- Years active: 1900–1935
- Location: San Ildefonso Pueblo, United States
- Major figures: Tonita Peña, Julian Martinez, Awa Tsireh, Abel Sanchez, Crecencio Martinez, Encarnación Peña

= San Ildefonso school =

Native American art movement (1900-35)

The San Ildefonso school, also known as San Ildefonso Self-Taught Group, was an art movement from 1900 to 1935 featuring Native American artists primarily from the San Ildefonso Pueblo in New Mexico. The group consisted of Tonita Peña, Julian Martinez, Awa Tsireh, Crecencio Martinez, and Jose Encarnación Peña. This was the first known Native American group in the American Southwest to practice easel painting.

== History ==
The San Ildefonso school was an art movement from 1900 until 1935, and 1917 was a key year in the production of artwork by the San Ildefonso school according to many art historians including W. Jackson Rushing. The artwork during this movement was created utilizing traditional aspects of Native culture but created specifically for a non-Native patronage. It was not until the 1920s these artists were able to sell their work. The first artist from the San Ildefonso school to become well known was Tonita Peña.
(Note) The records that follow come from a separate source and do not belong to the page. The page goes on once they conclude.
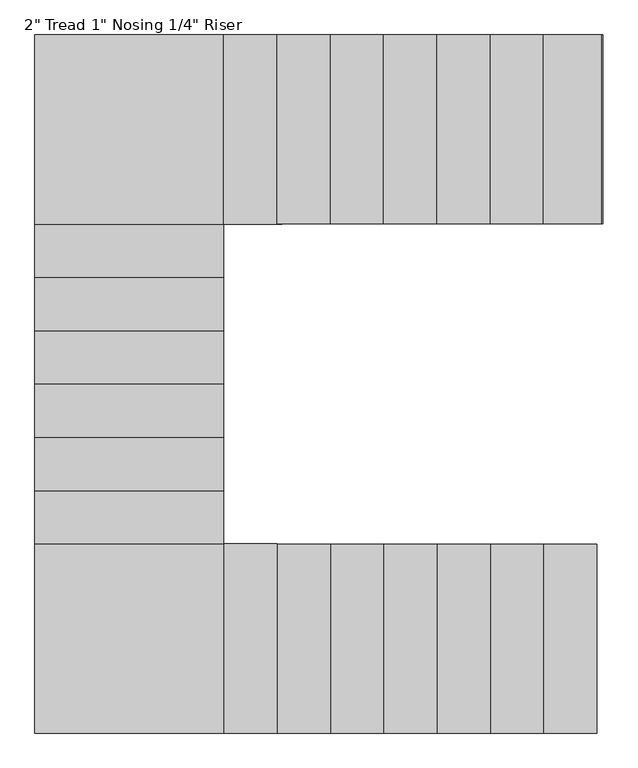
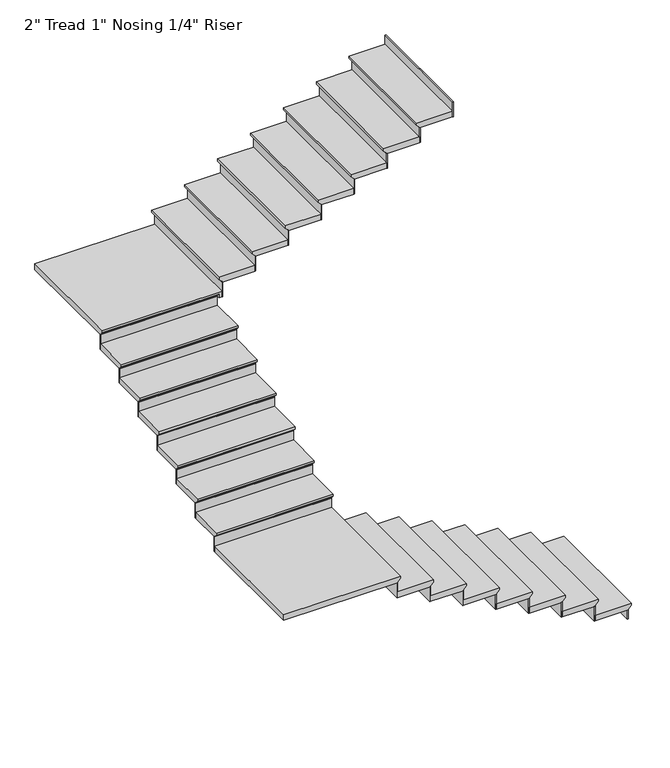
"""IFC4 building model written with IfcOpenShell, lengths in millimetres: stair flight geometry."""

from ifc_helpers import new_model, si_unit, origin, place, context, project, spatial, faceted_brep, source, transform, mapped, element, save


def stair_flight_9d362d5c(model_context):
    return source(origin(), model_context, "Body", "Brep", [
        faceted_brep([(-19769.8789184, -127.8399287, 3161.4717391), (-19769.8789184, -127.8399287, 3180.5217391), (-19769.8789184, -1118.4399287, 3180.5217391), (-19769.8789184, -1118.4399287, 3161.4717391), (-19795.2789184, -127.8399287, 3136.0717391), (-19795.2789184, -1118.4399287, 3136.0717391), (-20074.6789184, -127.8399287, 3180.5217391), (-20074.6789184, -1118.4399287, 3180.5217391), (-19795.2789184, -1118.4399287, 3129.7217391), (-20074.6789184, -1118.4399287, 3129.7217391), (-20074.6789184, -127.8399287, 3129.7217391), (-19795.2789184, -127.8399287, 3129.7217391)], [[[0, 1, 2, 3]], [[4, 0, 3, 5]], [[2, 1, 6, 7]], [[8, 9, 10, 11]], [[2, 7, 9, 8, 5, 3]], [[8, 11, 4, 5]], [[6, 1, 0, 4, 11, 10]], [[7, 6, 10, 9]]]),
        faceted_brep([(-19795.2789184, -127.8399287, 3129.7217391), (-19795.2789184, -127.8399287, 3048.0), (-19801.6289184, -127.8399287, 3048.0), (-19801.6289184, -127.8399287, 3129.7217391), (-19795.2789184, -1118.4399287, 3129.7217391), (-19801.6289184, -1118.4399287, 3129.7217391), (-19801.6289184, -1118.4399287, 3048.0), (-19795.2789184, -1118.4399287, 3048.0)], [[[0, 1, 2, 3]], [[4, 5, 6, 7]], [[1, 0, 4, 7]], [[2, 1, 7, 6]], [[3, 2, 6, 5]], [[0, 3, 5, 4]]]),
        faceted_brep([(-20074.6789184, -127.8399287, 3262.2434783), (-20074.6789184, -127.8399287, 3129.7217391), (-20081.0289184, -127.8399287, 3129.7217391), (-20081.0289184, -127.8399287, 3262.2434783), (-20074.6789184, -1118.4399287, 3262.2434783), (-20081.0289184, -1118.4399287, 3262.2434783), (-20081.0289184, -1118.4399287, 3129.7217391), (-20074.6789184, -1118.4399287, 3129.7217391)], [[[0, 1, 2, 3]], [[4, 5, 6, 7]], [[1, 0, 4, 7]], [[2, 1, 7, 6]], [[3, 2, 6, 5]], [[0, 3, 5, 4]]]),
        faceted_brep([(-20049.2789184, -1118.4399287, 3313.0434783), (-20049.2789184, -127.8399287, 3313.0434783), (-20354.0789184, -127.8399287, 3313.0434783), (-20354.0789184, -1118.4399287, 3313.0434783), (-20074.6789184, -1118.4399287, 3262.2434783), (-20354.0789184, -1118.4399287, 3262.2434783), (-20354.0789184, -127.8399287, 3262.2434783), (-20074.6789184, -127.8399287, 3262.2434783), (-20074.6789184, -1118.4399287, 3268.5934783), (-20049.2789184, -1118.4399287, 3293.9934783), (-20074.6789184, -127.8399287, 3268.5934783), (-20049.2789184, -127.8399287, 3293.9934783)], [[[0, 1, 2, 3]], [[4, 5, 6, 7]], [[0, 3, 5, 4, 8, 9]], [[4, 7, 10, 8]], [[2, 1, 11, 10, 7, 6]], [[3, 2, 6, 5]], [[11, 1, 0, 9]], [[10, 11, 9, 8]]]),
        faceted_brep([(-20354.0789184, -127.8399287, 3394.7652174), (-20354.0789184, -127.8399287, 3262.2434783), (-20360.4289184, -127.8399287, 3262.2434783), (-20360.4289184, -127.8399287, 3394.7652174), (-20354.0789184, -1118.4399287, 3394.7652174), (-20360.4289184, -1118.4399287, 3394.7652174), (-20360.4289184, -1118.4399287, 3262.2434783), (-20354.0789184, -1118.4399287, 3262.2434783)], [[[0, 1, 2, 3]], [[4, 5, 6, 7]], [[1, 0, 4, 7]], [[2, 1, 7, 6]], [[3, 2, 6, 5]], [[0, 3, 5, 4]]]),
        faceted_brep([(-20328.6789184, -1118.4399287, 3445.5652174), (-20328.6789184, -127.8399287, 3445.5652174), (-20633.4789184, -127.8399287, 3445.5652174), (-20633.4789184, -1118.4399287, 3445.5652174), (-20354.0789184, -1118.4399287, 3394.7652174), (-20633.4789184, -1118.4399287, 3394.7652174), (-20633.4789184, -127.8399287, 3394.7652174), (-20354.0789184, -127.8399287, 3394.7652174), (-20354.0789184, -1118.4399287, 3401.1152174), (-20328.6789184, -1118.4399287, 3426.5152174), (-20354.0789184, -127.8399287, 3401.1152174), (-20328.6789184, -127.8399287, 3426.5152174)], [[[0, 1, 2, 3]], [[4, 5, 6, 7]], [[0, 3, 5, 4, 8, 9]], [[4, 7, 10, 8]], [[2, 1, 11, 10, 7, 6]], [[3, 2, 6, 5]], [[11, 1, 0, 9]], [[10, 11, 9, 8]]]),
        faceted_brep([(-20633.4789184, -127.8399287, 3527.2869565), (-20633.4789184, -127.8399287, 3394.7652174), (-20639.8289184, -127.8399287, 3394.7652174), (-20639.8289184, -127.8399287, 3527.2869565), (-20633.4789184, -1118.4399287, 3527.2869565), (-20639.8289184, -1118.4399287, 3527.2869565), (-20639.8289184, -1118.4399287, 3394.7652174), (-20633.4789184, -1118.4399287, 3394.7652174)], [[[0, 1, 2, 3]], [[4, 5, 6, 7]], [[1, 0, 4, 7]], [[2, 1, 7, 6]], [[3, 2, 6, 5]], [[0, 3, 5, 4]]]),
        faceted_brep([(-20608.0789184, -1118.4399287, 3578.0869565), (-20608.0789184, -127.8399287, 3578.0869565), (-20912.8789184, -127.8399287, 3578.0869565), (-20912.8789184, -1118.4399287, 3578.0869565), (-20633.4789184, -1118.4399287, 3527.2869565), (-20912.8789184, -1118.4399287, 3527.2869565), (-20912.8789184, -127.8399287, 3527.2869565), (-20633.4789184, -127.8399287, 3527.2869565), (-20633.4789184, -1118.4399287, 3533.6369565), (-20608.0789184, -1118.4399287, 3559.0369565), (-20633.4789184, -127.8399287, 3533.6369565), (-20608.0789184, -127.8399287, 3559.0369565)], [[[0, 1, 2, 3]], [[4, 5, 6, 7]], [[0, 3, 5, 4, 8, 9]], [[4, 7, 10, 8]], [[2, 1, 11, 10, 7, 6]], [[3, 2, 6, 5]], [[11, 1, 0, 9]], [[10, 11, 9, 8]]]),
        faceted_brep([(-20912.8789184, -127.8399287, 3659.8086957), (-20912.8789184, -127.8399287, 3527.2869565), (-20919.2289184, -127.8399287, 3527.2869565), (-20919.2289184, -127.8399287, 3659.8086957), (-20912.8789184, -1118.4399287, 3659.8086957), (-20919.2289184, -1118.4399287, 3659.8086957), (-20919.2289184, -1118.4399287, 3527.2869565), (-20912.8789184, -1118.4399287, 3527.2869565)], [[[0, 1, 2, 3]], [[4, 5, 6, 7]], [[1, 0, 4, 7]], [[2, 1, 7, 6]], [[3, 2, 6, 5]], [[0, 3, 5, 4]]]),
        faceted_brep([(-20887.4789184, -1118.4399287, 3710.6086957), (-20887.4789184, -127.8399287, 3710.6086957), (-21192.2789184, -127.8399287, 3710.6086957), (-21192.2789184, -1118.4399287, 3710.6086957), (-20912.8789184, -1118.4399287, 3659.8086957), (-21192.2789184, -1118.4399287, 3659.8086957), (-21192.2789184, -127.8399287, 3659.8086957), (-20912.8789184, -127.8399287, 3659.8086957), (-20912.8789184, -1118.4399287, 3666.1586957), (-20887.4789184, -1118.4399287, 3691.5586957), (-20912.8789184, -127.8399287, 3666.1586957), (-20887.4789184, -127.8399287, 3691.5586957)], [[[0, 1, 2, 3]], [[4, 5, 6, 7]], [[0, 3, 5, 4, 8, 9]], [[4, 7, 10, 8]], [[2, 1, 11, 10, 7, 6]], [[3, 2, 6, 5]], [[11, 1, 0, 9]], [[10, 11, 9, 8]]]),
        faceted_brep([(-21192.2789184, -127.8399287, 3792.3304348), (-21192.2789184, -127.8399287, 3659.8086957), (-21198.6289184, -127.8399287, 3659.8086957), (-21198.6289184, -127.8399287, 3792.3304348), (-21192.2789184, -1118.4399287, 3792.3304348), (-21198.6289184, -1118.4399287, 3792.3304348), (-21198.6289184, -1118.4399287, 3659.8086957), (-21192.2789184, -1118.4399287, 3659.8086957)], [[[0, 1, 2, 3]], [[4, 5, 6, 7]], [[1, 0, 4, 7]], [[2, 1, 7, 6]], [[3, 2, 6, 5]], [[0, 3, 5, 4]]]),
        faceted_brep([(-21166.8789184, -1118.4399287, 3843.1304348), (-21166.8789184, -127.8399287, 3843.1304348), (-21471.6789184, -127.8399287, 3843.1304348), (-21471.6789184, -1118.4399287, 3843.1304348), (-21192.2789184, -1118.4399287, 3792.3304348), (-21471.6789184, -1118.4399287, 3792.3304348), (-21471.6789184, -127.8399287, 3792.3304348), (-21192.2789184, -127.8399287, 3792.3304348), (-21192.2789184, -1118.4399287, 3798.6804348), (-21166.8789184, -1118.4399287, 3824.0804348), (-21192.2789184, -127.8399287, 3798.6804348), (-21166.8789184, -127.8399287, 3824.0804348)], [[[0, 1, 2, 3]], [[4, 5, 6, 7]], [[0, 3, 5, 4, 8, 9]], [[4, 7, 10, 8]], [[2, 1, 11, 10, 7, 6]], [[3, 2, 6, 5]], [[11, 1, 0, 9]], [[10, 11, 9, 8]]]),
        faceted_brep([(-21471.6789184, -127.8399287, 3924.8521739), (-21471.6789184, -127.8399287, 3792.3304348), (-21478.0289184, -127.8399287, 3792.3304348), (-21478.0289184, -127.8399287, 3924.8521739), (-21471.6789184, -1118.4399287, 3924.8521739), (-21478.0289184, -1118.4399287, 3924.8521739), (-21478.0289184, -1118.4399287, 3792.3304348), (-21471.6789184, -1118.4399287, 3792.3304348)], [[[0, 1, 2, 3]], [[4, 5, 6, 7]], [[1, 0, 4, 7]], [[2, 1, 7, 6]], [[3, 2, 6, 5]], [[0, 3, 5, 4]]]),
        faceted_brep([(-21446.2789184, -1118.4399287, 3975.6521739), (-21446.2789184, -127.8399287, 3975.6521739), (-21751.0789184, -127.8399287, 3975.6521739), (-21751.0789184, -1118.4399287, 3975.6521739), (-21471.6789184, -1118.4399287, 3924.8521739), (-21751.0789184, -1118.4399287, 3924.8521739), (-21751.0789184, -127.8399287, 3924.8521739), (-21471.6789184, -127.8399287, 3924.8521739), (-21471.6789184, -1118.4399287, 3931.2021739), (-21446.2789184, -1118.4399287, 3956.6021739), (-21471.6789184, -127.8399287, 3931.2021739), (-21446.2789184, -127.8399287, 3956.6021739)], [[[0, 1, 2, 3]], [[4, 5, 6, 7]], [[0, 3, 5, 4, 8, 9]], [[4, 7, 10, 8]], [[2, 1, 11, 10, 7, 6]], [[3, 2, 6, 5]], [[11, 1, 0, 9]], [[10, 11, 9, 8]]]),
        faceted_brep([(-21751.0789184, -127.8399287, 4057.373913), (-21751.0789184, -127.8399287, 3924.8521739), (-21757.4289184, -127.8399287, 3924.8521739), (-21757.4289184, -127.8399287, 4057.373913), (-21751.0789184, -1118.4399287, 4057.373913), (-21757.4289184, -1118.4399287, 4057.373913), (-21757.4289184, -1118.4399287, 3924.8521739), (-21751.0789184, -1118.4399287, 3924.8521739)], [[[0, 1, 2, 3]], [[4, 5, 6, 7]], [[1, 0, 4, 7]], [[2, 1, 7, 6]], [[3, 2, 6, 5]], [[0, 3, 5, 4]]]),
        faceted_brep([(-22716.2789184, -102.4399287, 4108.173913), (-22716.2789184, -1118.4399287, 4108.173913), (-21725.6789184, -1118.4399287, 4108.173913), (-21725.6789184, -102.4399287, 4108.173913), (-22716.2789184, -1118.4399287, 4057.373913), (-22716.2789184, -102.4399287, 4057.373913), (-21725.6789184, -102.4399287, 4057.373913), (-21725.6789184, -127.8399287, 4057.373913), (-21751.0789184, -127.8399287, 4057.373913), (-21751.0789184, -1118.4399287, 4057.373913), (-21751.0789184, -127.8399287, 4063.723913), (-21751.0789184, -1118.4399287, 4063.723913), (-21725.6789184, -1118.4399287, 4089.123913), (-21725.6789184, -127.8399287, 4089.123913)], [[[0, 1, 2, 3]], [[4, 5, 6, 7, 8, 9]], [[1, 0, 5, 4]], [[9, 8, 10, 11]], [[3, 2, 12, 13, 7, 6]], [[0, 3, 6, 5]], [[12, 11, 10, 13]], [[2, 1, 4, 9, 11, 12]], [[8, 7, 13, 10]]]),
        faceted_brep([(-21725.6789184, -102.4399287, 4189.8956522), (-21725.6789184, -102.4399287, 4057.373913), (-21725.6789184, -96.0899287, 4057.373913), (-21725.6789184, -96.0899287, 4189.8956522), (-22716.2789184, -102.4399287, 4189.8956522), (-22716.2789184, -96.0899287, 4189.8956522), (-22716.2789184, -96.0899287, 4057.373913), (-22716.2789184, -102.4399287, 4057.373913)], [[[0, 1, 2, 3]], [[4, 5, 6, 7]], [[1, 0, 4, 7]], [[2, 1, 7, 6]], [[3, 2, 6, 5]], [[0, 3, 5, 4]]]),
        faceted_brep([(-22716.2789184, -127.8399287, 4240.6956522), (-21725.6789184, -127.8399287, 4240.6956522), (-21725.6789184, 176.9600713, 4240.6956522), (-22716.2789184, 176.9600713, 4240.6956522), (-22716.2789184, -102.4399287, 4189.8956522), (-22716.2789184, 176.9600713, 4189.8956522), (-21725.6789184, 176.9600713, 4189.8956522), (-21725.6789184, -102.4399287, 4189.8956522), (-22716.2789184, -102.4399287, 4196.2456522), (-22716.2789184, -127.8399287, 4221.6456522), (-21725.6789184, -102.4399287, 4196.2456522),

Beginning in 1900, Esther Hoyt, a non-Native teacher at the San Ildefonso Day School, taught Native students painting on easels and encouraged the students to "paint as they wished". At the time it was against government policy to allow Native students to paint what they wanted, the school was operated by the Bureau of Indian Affairs. Students were given materials by Hoyt and encouraged to sketch their life experiences. Hoyt, provided young Tonita Peña with watercolors when she was a student there. Other students at the San Ildefonso Day School included Crecencio Martinez, Awa Tsireh (Alfonso Roybal), Tonita Peña, Romando Vigil, Alfredo Montoya, Santana Roybal, and Abel Sanchez (Oqwa Pi). After Hoyt left the school, Elizabeth Richards continued to teach painting to elementary school students. Despite being enrolled in classes, these students have been referred to as "self-taught".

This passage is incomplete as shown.